Kwade is known internationally for her sculptures, large-scale public installations, films, photographs and works on paper that engage critically with scientific and philosophical concepts. Photography courtesy Pace Gallery

While her works allow for the experience of reality’s entropic nature, Kwade’s practice also echoes the entropy of epistemology itself—the unraveling of fixed truths and the drift of meaning over time. Through the mesmerizing mirroring effects of her reflective tunnels, she fractures and multiplies physical reality, drawing the viewer into a fragmented, kaleidoscopic field of perception. Multiperspectivism becomes not only a strategy but a necessity—the only viable lens through which to engage with the escalating complexity of the cosmos and the randomness threaded through the universe’s endless expansion and cooling.

Though her installations may appear tightly engineered, governed by precision and a refined, almost surgical aesthetic, Kwade’s process often starts with quick, spontaneous sketches that crystallize an idea in its most intuitive form before being refined through close technical collaboration with her studio team. “I do drawings, then I discuss them with my team and do all the engineering to make it happen,” Kwade says.

In the second room, a constellation of transparent sculptural forms—evocative of melting ice or the shimmer of standing water—crystallizes a fleeting physical state while revealing the material’s inherently unstable molecular structure. These forms offer a glimpse into matter’s continuous metamorphosis. “It doesn’t mean to be like melting ice, but it’s this in-between thing,” she comments. “For me, it’s like a moment of nature, in its happening.” Embedded within them, clocks quietly register time’s passage—not as a forward march, but as a circular motion, a cycle of transformation, shifting states and inevitable return.

Kwade joined Pace’s roster in 2023, and this is her debut solo show with the gallery. Courtesy Pace Gallery

Although Kwade’s work is often linked to postmodern and poverista aesthetics—particularly Arte Povera—her practice is fundamentally grounded in the broader history of philosophy. Her installations interrogate the structure of reality through philosophical, physical and scientific frameworks, while simultaneously exposing the limitations of human knowledge and the inherent instability of measurement, classification and language. “At the end, we just see the world as it is through the reflection of our senses,” she notes, underscoring a central epistemological tension: the gap between what exists and what can be perceived.

At the same time, in contending with the essential dissonance that shapes the human experience of the world, Kwade’s work echoes Aristotelian inquiry into physis, or nature—something she references directly in our conversation. Drawing on Aristotle’s definition of physis as a principle of motion and change, which Heraclitus had already anticipated in his dictum panta rhei (everything flows), Kwade’s installations frame reality as an ongoing process, where the transformation of matter becomes an internal force and generative logic. But where Aristotle imagined an ordered cosmos governed by intelligible causes, Kwade’s universe is entropic, recursive and unsettled—more in step with a post-Newtonian worldview that sees reality as fragmented, relative and ultimately incomplete.

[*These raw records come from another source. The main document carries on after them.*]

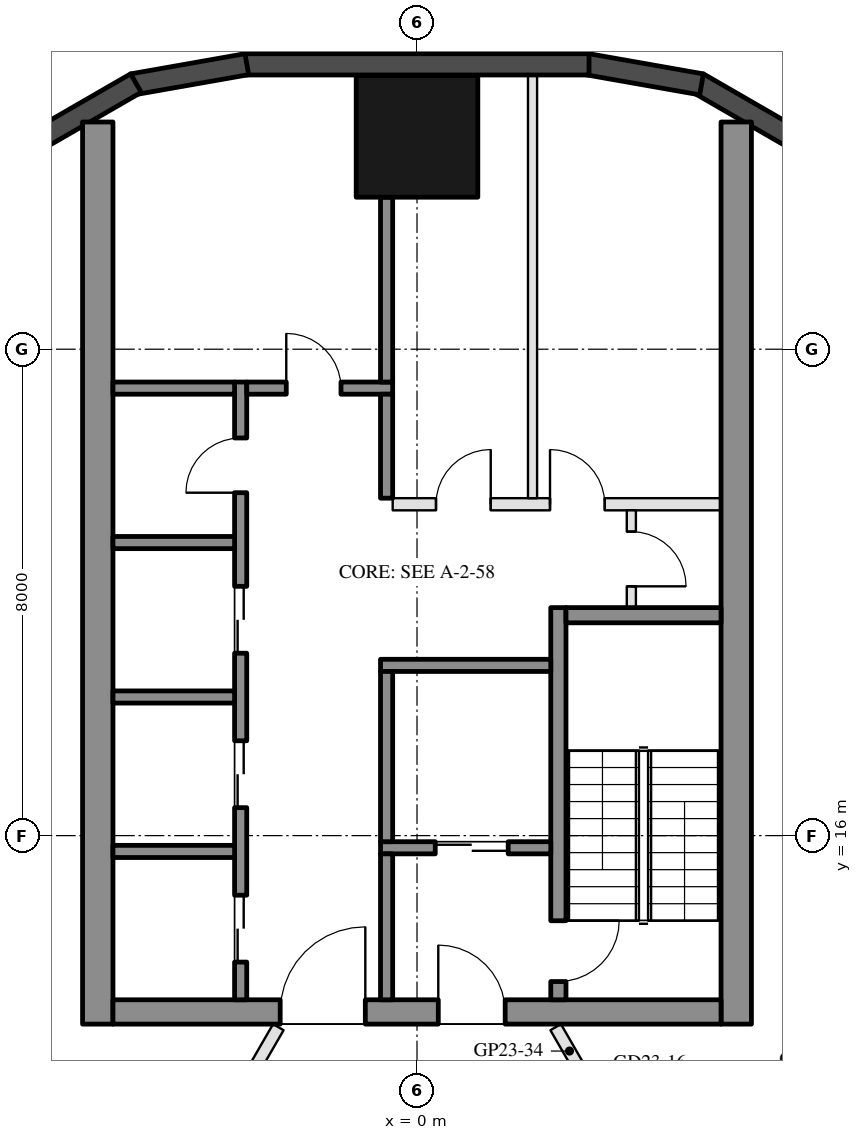
"""IFC4 building model, lengths in metres.
Left out: names, types, materials, properties, quantities, classifications, styles, units other than length and angle.
Written with IfcOpenShell. Run it as: python <this file> out.ifc"""

import sys

from ifc_helpers import new_model, si_unit, direction, frame, frame_2d, origin, origin_2d, place, context, subcontext, project, spatial, rectangle, hollow_rectangle, extrude, boolean, halfspace, element, fill, save


model = new_model("IFC4")
c1 = context("Model", 3, precision=1e-05, world=origin(), true_north=direction((0.0, 1.0)))
c2 = subcontext(c1, "Body", "Model", "MODEL_VIEW")
j1 = project(units=[si_unit("LENGTHUNIT", "METRE"), si_unit("PLANEANGLEUNIT", "RADIAN")], contexts=[c1])
p1 = place(None, origin())
s1 = spatial("IfcSite", under=j1, at=p1, CompositionType="ELEMENT")
p2 = place(p1, origin())
s2 = spatial("IfcBuilding", under=s1, at=p2, CompositionType="ELEMENT")
p3 = place(p2, frame((0.0, 0.0, 250.4)))
s3 = spatial("IfcBuildingStorey", under=s2, at=p3, CompositionType="ELEMENT", Elevation=250.4)
p4 = place(p3, frame((0.0, 27.5, 0.0), z_axis=(0.0, 0.0, 1.0), x_axis=(1.0, 0.0, 0.0)))
e1 = element("IfcColumn", 1, at=p4, inside=s3, PredefinedType="COLUMN", context=c2, shape_type="SweptSolid", body=[
    boolean("DIFFERENCE", extrude(hollow_rectangle(XDim=2.0, YDim=2.0, WallThickness=0.05, at=origin_2d()), origin(), (0.0, 0.0, 1.0), 3.7), halfspace(frame((0.0, 0.0, 3.588), z_axis=(0.0, 0.0, 1.0), x_axis=(1.0, 0.0, 0.0)), False)),
])
for number, where, z_axis, x_axis in (
    (2, (6.277, 27.422, 0.0), (0.0, 0.0, 1.0), (-0.866, 0.5, 0.0)),
    (3, (4.68, 28.356, 0.0), (0.0, 0.0, 1.0), (-0.985, 0.174, 0.0)),
):
    element("IfcWall", number, at=place(p3, frame(where, z_axis=z_axis, x_axis=x_axis)), inside=s3, PredefinedType="SOLIDWALL", context=c2, shape_type="SweptSolid", body=[
        extrude(rectangle(XDim=1.91, YDim=0.35, at=frame_2d((0.955, 0.0))), origin(), (0.0, 0.0, 1.0), 3.55),
    ])
p5 = place(p3, frame((2.829, 28.685, 0.0), z_axis=(0.0, 0.0, 1.0), x_axis=(-1.0, 0.0, 0.0)))
e4 = element("IfcWall", 4, at=p5, inside=s3, PredefinedType="SOLIDWALL", context=c2, shape_type="SweptSolid", body=[
    extrude(rectangle(XDim=5.658, YDim=0.35, at=frame_2d((2.829, 0.0))), origin(), (0.0, 0.0, 1.0), 3.55),
])
for number, where, z_axis, x_axis in (
    (5, (-2.799, 28.688, 0.0), (0.0, 0.0, 1.0), (-0.985, -0.174, 0.0)),
    (6, (-4.623, 28.377, 0.0), (0.0, 0.0, 1.0), (-0.866, -0.5, 0.0)),
):
    element("IfcWall", number, at=place(p3, frame(where, z_axis=z_axis, x_axis=x_axis)), inside=s3, PredefinedType="SOLIDWALL", context=c2, shape_type="SweptSolid", body=[
        extrude(rectangle(XDim=1.91, YDim=0.35, at=frame_2d((0.955, 0.0))), origin(), (0.0, 0.0, 1.0), 3.55),
    ])
for number, where, z_axis, x_axis in (
    (7, (5.25, 12.9, 0.0), (0.0, 0.0, 1.0), (0.0, 1.0, 0.0)),
    (8, (-5.25, 12.9, 0.0), (0.0, 0.0, 1.0), (0.0, 1.0, 0.0)),
):
    element("IfcWall", number, at=place(p3, frame(where, z_axis=z_axis, x_axis=x_axis)), inside=s3, PredefinedType="SHEAR", context=c2, shape_type="SweptSolid", body=[
        extrude(rectangle(XDim=14.837, YDim=0.5, at=frame_2d((7.418, 0.0))), origin(), (0.0, 0.0, 1.0), 3.5),
    ])
p6 = place(p3, frame((5.0, 13.1, 0.0), z_axis=(0.0, 0.0, 1.0), x_axis=(-1.0, 0.0, 0.0)))
e9 = element("IfcWall", 9, at=p6, inside=s3, PredefinedType="SHEAR", context=c2, shape_type="SweptSolid", body=[
    extrude(rectangle(XDim=10.0, YDim=0.4, at=frame_2d((5.0, 0.0))), origin(), (0.0, 0.0, 1.0), 3.5),
])
p7 = place(p6, frame((3.55, 0.0, 0.0)))
e10 = element("IfcOpeningElement", 10, at=p7, cuts=e9, PredefinedType="OPENING", context=c2, shape_type="SweptSolid", body=[
    extrude(rectangle(XDim=1.1, YDim=2.1, at=frame_2d((0.55, 1.05))), frame((0.0, 0.21, 0.0), z_axis=(0.0, -1.0, 0.0), x_axis=(1.0, 0.0, 0.0)), (0.0, 0.0, 1.0), 0.42),
])
p8 = place(p6, frame((5.85, 0.0, 0.0)))
e11 = element("IfcOpeningElement", 11, at=p8, cuts=e9, PredefinedType="OPENING", context=c2, shape_type="SweptSolid", body=[
    extrude(rectangle(XDim=1.4, YDim=2.1, at=frame_2d((0.7, 1.05))), frame((0.0, 0.21, 0.0), z_axis=(0.0, -1.0, 0.0), x_axis=(1.0, 0.0, 0.0)), (0.0, 0.0, 1.0), 0.42),
])
p9 = place(p3, frame((2.325, 13.3, 0.0), z_axis=(0.0, 0.0, 1.0), x_axis=(0.0, 1.0, 0.0)))
e12 = element("IfcWall", 12, at=p9, inside=s3, PredefinedType="SHEAR", context=c2, shape_type="SweptSolid", body=[
    extrude(rectangle(XDim=6.45, YDim=0.25, at=frame_2d((3.225, 0.0))), origin(), (0.0, 0.0, 1.0), 3.5),
])
p10 = place(p9, frame((0.3, 0.0, 0.0)))
e13 = element("IfcOpeningElement", 13, at=p10, cuts=e12, PredefinedType="OPENING", context=c2, shape_type="SweptSolid", body=[
    extrude(rectangle(XDim=1.0, YDim=2.1, at=frame_2d((0.5, 1.05))), frame((0.0, 0.135, 0.0), z_axis=(0.0, -1.0, 0.0), x_axis=(1.0, 0.0, 0.0)), (0.0, 0.0, 1.0), 0.27),
])
p11 = place(p3, frame((5.0, 19.625, 0.0), z_axis=(0.0, 0.0, 1.0), x_axis=(-1.0, 0.0, 0.0)))
e14 = element("IfcWall", 14, at=p11, inside=s3, PredefinedType="SHEAR", context=c2, shape_type="SweptSolid", body=[
    extrude(rectangle(XDim=2.55, YDim=0.25, at=frame_2d((1.275, 0.0))), origin(), (0.0, 0.0, 1.0), 3.5),
])
p12 = place(p3, frame((2.2, 18.8, 0.0), z_axis=(0.0, 0.0, 1.0), x_axis=(-1.0, 0.0, 0.0)))
e15 = element("IfcWall", 15, at=p12, inside=s3, PredefinedType="SHEAR", context=c2, shape_type="SweptSolid", body=[
    extrude(rectangle(XDim=2.8, YDim=0.2, at=frame_2d((1.4, 0.0))), origin(), (0.0, 0.0, 1.0), 3.5),
])
p13 = place(p3, frame((2.2, 15.8, 0.0), z_axis=(0.0, 0.0, 1.0), x_axis=(-1.0, 0.0, 0.0)))
e16 = element("IfcWall", 16, at=p13, inside=s3, PredefinedType="SHEAR", context=c2, shape_type="SweptSolid", body=[
    extrude(rectangle(XDim=2.8, YDim=0.2, at=frame_2d((1.4, 0.0))), origin(), (0.0, 0.0, 1.0), 3.5),
])
p14 = place(p13, frame((0.7, 0.0, 0.0)))
e17 = element("IfcOpeningElement", 17, at=p14, cuts=e16, PredefinedType="OPENING", context=c2, shape_type="SweptSolid", body=[
    extrude(rectangle(XDim=1.2, YDim=2.1, at=frame_2d((0.6, 1.05))), frame((0.0, 0.11, 0.0), z_axis=(0.0, -1.0, 0.0), x_axis=(1.0, 0.0, 0.0)), (0.0, 0.0, 1.0), 0.22),
])
p15 = place(p3, frame((-0.5, 15.9, 0.0), z_axis=(0.0, 0.0, 1.0), x_axis=(0.0, 1.0, 0.0)))
e18 = element("IfcWall", 18, at=p15, inside=s3, PredefinedType="SHEAR", context=c2, shape_type="SweptSolid", body=[
    extrude(rectangle(XDim=2.8, YDim=0.2, at=frame_2d((1.4, 0.0))), origin(), (0.0, 0.0, 1.0), 3.5),
])
p16 = place(p3, frame((-0.5, 13.3, 0.0), z_axis=(0.0, 0.0, 1.0), x_axis=(0.0, 1.0, 0.0)))
e19 = element("IfcWall", 19, at=p16, inside=s3, PredefinedType="SHEAR", context=c2, shape_type="SweptSolid", body=[
    extrude(rectangle(XDim=2.4, YDim=0.2, at=frame_2d((1.2, 0.0))), origin(), (0.0, 0.0, 1.0), 3.5),
])
p17 = place(p3, frame((-2.9, 13.3, 0.0), z_axis=(0.0, 0.0, 1.0), x_axis=(0.0, 1.0, 0.0)))
e20 = element("IfcWall", 20, at=p17, inside=s3, PredefinedType="SHEAR", context=c2, shape_type="SweptSolid", body=[
    extrude(rectangle(XDim=10.16, YDim=0.2, at=frame_2d((5.08, 0.0))), origin(), (0.0, 0.0, 1.0), 3.5),
])
p18 = place(p17, frame((0.62, 0.0, 0.0)))
e21 = element("IfcOpeningElement", 21, at=p18, cuts=e20, PredefinedType="OPENING", context=c2, shape_type="SweptSolid", body=[
    extrude(rectangle(XDim=1.1, YDim=2.1, at=frame_2d((0.55, 1.05))), frame((0.0, 0.11, 0.0), z_axis=(0.0, -1.0, 0.0), x_axis=(1.0, 0.0, 0.0)), (0.0, 0.0, 1.0), 0.22),
])
p19 = place(p17, frame((3.16, 0.0, 0.0)))
e22 = element("IfcOpeningElement", 22, at=p19, cuts=e20, PredefinedType="OPENING", context=c2, shape_type="SweptSolid", body=[
    extrude(rectangle(XDim=1.1, YDim=2.1, at=frame_2d((0.55, 1.05))), frame((0.0, 0.11, 0.0), z_axis=(0.0, -1.0, 0.0), x_axis=(1.0, 0.0, 0.0)), (0.0, 0.0, 1.0), 0.22),
])
p20 = place(p17, frame((5.7, 0.0, 0.0)))
e23 = element("IfcOpeningElement", 23, at=p20, cuts=e20, PredefinedType="OPENING", context=c2, shape_type="SweptSolid", body=[
    extrude(rectangle(XDim=1.1, YDim=2.1, at=frame_2d((0.55, 1.05))), frame((0.0, 0.11, 0.0), z_axis=(0.0, -1.0, 0.0), x_axis=(1.0, 0.0, 0.0)), (0.0, 0.0, 1.0), 0.22),
])
p21 = place(p17, frame((8.34, 0.0, 0.0)))
e24 = element("IfcOpeningElement", 24, at=p21, cuts=e20, PredefinedType="OPENING", context=c2, shape_type="SweptSolid", body=[
    extrude(rectangle(XDim=0.9, YDim=2.1, at=frame_2d((0.45, 1.05))), frame((0.0, 0.11, 0.0), z_axis=(0.0, -1.0, 0.0), x_axis=(1.0, 0.0, 0.0)), (0.0, 0.0, 1.0), 0.22),
])
p22 = place(p3, frame((-0.4, 23.36, 0.0), z_axis=(0.0, 0.0, 1.0), x_axis=(-1.0, 0.0, 0.0)))
e25 = element("IfcWall", 25, at=p22, inside=s3, PredefinedType="SHEAR", context=c2, shape_type="SweptSolid", body=[
    extrude(rectangle(XDim=2.4, YDim=0.2, at=frame_2d((1.2, 0.0))), origin(), (0.0, 0.0, 1.0), 3.5),
])
p23 = place(p22, frame((0.85, 0.0, 0.0)))
e26 = element("IfcOpeningElement", 26, at=p23, cuts=e25, PredefinedType="OPENING", context=c2, shape_type="SweptSolid", body=[
    extrude(rectangle(XDim=0.9, YDim=2.1, at=frame_2d((0.45, 1.05))), frame((0.0, 0.11, 0.0), z_axis=(0.0, -1.0, 0.0), x_axis=(1.0, 0.0, 0.0)), (0.0, 0.0, 1.0), 0.22),
])
p24 = place(p3, frame((-0.5, 21.55, 0.0), z_axis=(0.0, 0.0, 1.0), x_axis=(0.0, 1.0, 0.0)))
e27 = element("IfcWall", 27, at=p24, inside=s3, PredefinedType="SHEAR", context=c2, shape_type="SweptSolid", body=[
    extrude(rectangle(XDim=1.71, YDim=0.2, at=frame_2d((0.855, 0.0))), origin(), (0.0, 0.0, 1.0), 3.5),
])
for number, where, z_axis, x_axis in (
    (28, (-3.0, 15.74, 0.0), (0.0, 0.0, 1.0), (-1.0, 0.0, 0.0)),
    (29, (-3.0, 18.28, 0.0), (0.0, 0.0, 1.0), (-1.0, 0.0, 0.0)),
    (30, (-3.0, 20.82, 0.0), (0.0, 0.0, 1.0), (-1.0, 0.0, 0.0)),
    (31, (-3.0, 23.36, 0.0), (0.0, 0.0, 1.0), (-1.0, 0.0, 0.0)),
):
    element("IfcWall", number, at=place(p3, frame(where, z_axis=z_axis, x_axis=x_axis)), inside=s3, PredefinedType="SHEAR", context=c2, shape_type="SweptSolid", body=[
        extrude(rectangle(XDim=2.0, YDim=0.2, at=frame_2d((1.0, 0.0))), origin(), (0.0, 0.0, 1.0), 3.5),
    ])
p25 = place(p3, frame((-0.5, 23.46, 0.0), z_axis=(0.0, 0.0, 1.0), x_axis=(0.0, 1.0, 0.0)))
e32 = element("IfcWall", 32, at=p25, inside=s3, PredefinedType="SHEAR", context=c2, shape_type="SweptSolid", body=[
    extrude(rectangle(XDim=3.04, YDim=0.2, at=frame_2d((1.52, 0.0))), origin(), (0.0, 0.0, 1.0), 3.5),
])
p26 = place(p3, frame((5.0, 21.45, 0.0), z_axis=(0.0, 0.0, 1.0), x_axis=(-1.0, 0.0, 0.0)))
e33 = element("IfcWall", 33, at=p26, inside=s3, PredefinedType="PARTITIONING", context=c2, shape_type="SweptSolid", body=[
    extrude(rectangle(XDim=5.4, YDim=0.2, at=frame_2d((2.7, 0.0))), origin(), (0.0, 0.0, 1.0), 3.5),
])
p27 = place(p26, frame((1.913, 0.0, 0.0)))
e34 = element("IfcOpeningElement", 34, at=p27, cuts=e33, PredefinedType="OPENING", context=c2, shape_type="SweptSolid", body=[
    extrude(rectangle(XDim=0.9, YDim=2.1, at=frame_2d((0.45, 1.05))), frame((0.0, 0.11, 0.0), z_axis=(0.0, -1.0, 0.0), x_axis=(1.0, 0.0, 0.0)), (0.0, 0.0, 1.0), 0.22),
])
p28 = place(p26, frame((3.788, 0.0, 0.0)))
e35 = element("IfcOpeningElement", 35, at=p28, cuts=e33, PredefinedType="OPENING", context=c2, shape_type="SweptSolid", body=[
    extrude(rectangle(XDim=0.9, YDim=2.1, at=frame_2d((0.45, 1.05))), frame((0.0, 0.11, 0.0), z_axis=(0.0, -1.0, 0.0), x_axis=(1.0, 0.0, 0.0)), (0.0, 0.0, 1.0), 0.22),
])
p29 = place(p3, frame((3.525, 19.75, 0.0), z_axis=(0.0, 0.0, 1.0), x_axis=(0.0, 1.0, 0.0)))
e36 = element("IfcWall", 36, at=p29, inside=s3, PredefinedType="PARTITIONING", context=c2, shape_type="SweptSolid", body=[
    extrude(rectangle(XDim=1.6, YDim=0.15, at=frame_2d((0.8, 0.0))), origin(), (0.0, 0.0, 1.0), 3.5),
])
p30 = place(p29, frame((0.35, 0.0, 0.0)))
e37 = element("IfcOpeningElement", 37, at=p30, cuts=e36, PredefinedType="OPENING", context=c2, shape_type="SweptSolid", body=[
    extrude(rectangle(XDim=0.9, YDim=2.1, at=frame_2d((0.45, 1.05))), frame((0.0, 0.085, 0.0), z_axis=(0.0, -1.0, 0.0), x_axis=(1.0, 0.0, 0.0)), (0.0, 0.0, 1.0), 0.17),
])
p31 = place(p3, frame((1.9, 21.55, 0.0), z_axis=(0.0, 0.0, 1.0), x_axis=(0.0, 1.0, 0.0)))
e38 = element("IfcWall", 38, at=p31, inside=s3, PredefinedType="PARTITIONING", context=c2, shape_type="SweptSolid", body=[
    extrude(rectangle(XDim=6.95, YDim=0.15, at=frame_2d((3.475, 0.0))), origin(), (0.0, 0.0, 1.0), 3.5),
])
p32 = place(p3, frame((13.952, 14.395, 0.0), z_axis=(0.0, 0.0, 1.0), x_axis=(-0.892890171934, -0.450274517226, 0.0)))
e39 = element("IfcWall", 39, at=p32, inside=s3, PredefinedType="PARTITIONING", context=c2, shape_type="SweptSolid", body=[
    extrude(rectangle(XDim=10.998, YDim=0.2, at=frame_2d((5.499, 0.0))), origin(), (0.0, 0.0, 1.0), 3.1),
])
p33 = place(p3, frame((2.281, 12.85, 0.0), z_axis=(0.0, 0.0, 1.0), x_axis=(0.499985062256, -0.866034027923, 0.0)))
e40 = element("IfcWall", 40, at=p33, inside=s3, PredefinedType="PARTITIONING", context=c2, shape_type="SweptSolid", body=[
    extrude(rectangle(XDim=3.782, YDim=0.2, at=frame_2d((1.891, 0.0))), origin(), (0.0, 0.0, 1.0), 2.95),
])
p34 = place(p33, frame((1.391, 0.0, 0.0)))
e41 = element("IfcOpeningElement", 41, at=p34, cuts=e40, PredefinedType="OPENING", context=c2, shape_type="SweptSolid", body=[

In this sense, her work becomes a philosophical proposition—an invitation to embrace change as the only constant. It resists empirical certainty, revealing instead the fragility and subjectivity of how we define and measure the world around us: the substance of things, the rhythm of time, the motion of matter.

The artist raises questions about structures and systems that govern and shape our daily lives. Courtesy Pace Gallery

Kwade’s work can also be understood through the lens of structuralist and post-structuralist critique, particularly in examining how knowledge is constructed, codified and controlled. Positioned at the intersection of epistemology and politics—much like Foucault—her installations become sites of epistemic resistance: recursive, disorienting environments that unsettle the viewer’s orientation and dissolve the boundary between observer and observed. They prompt a confrontation not only with the contingency of truth, but with the unseen architectures that authorize and enforce it. Where Foucault deconstructed the institutional apparatuses that define and legitimize knowledge, Kwade retools their instruments—clocks, mirrors, measurements—transforming them into fragile systems that reveal their conceptual instability and unravel the illusion of objectivity.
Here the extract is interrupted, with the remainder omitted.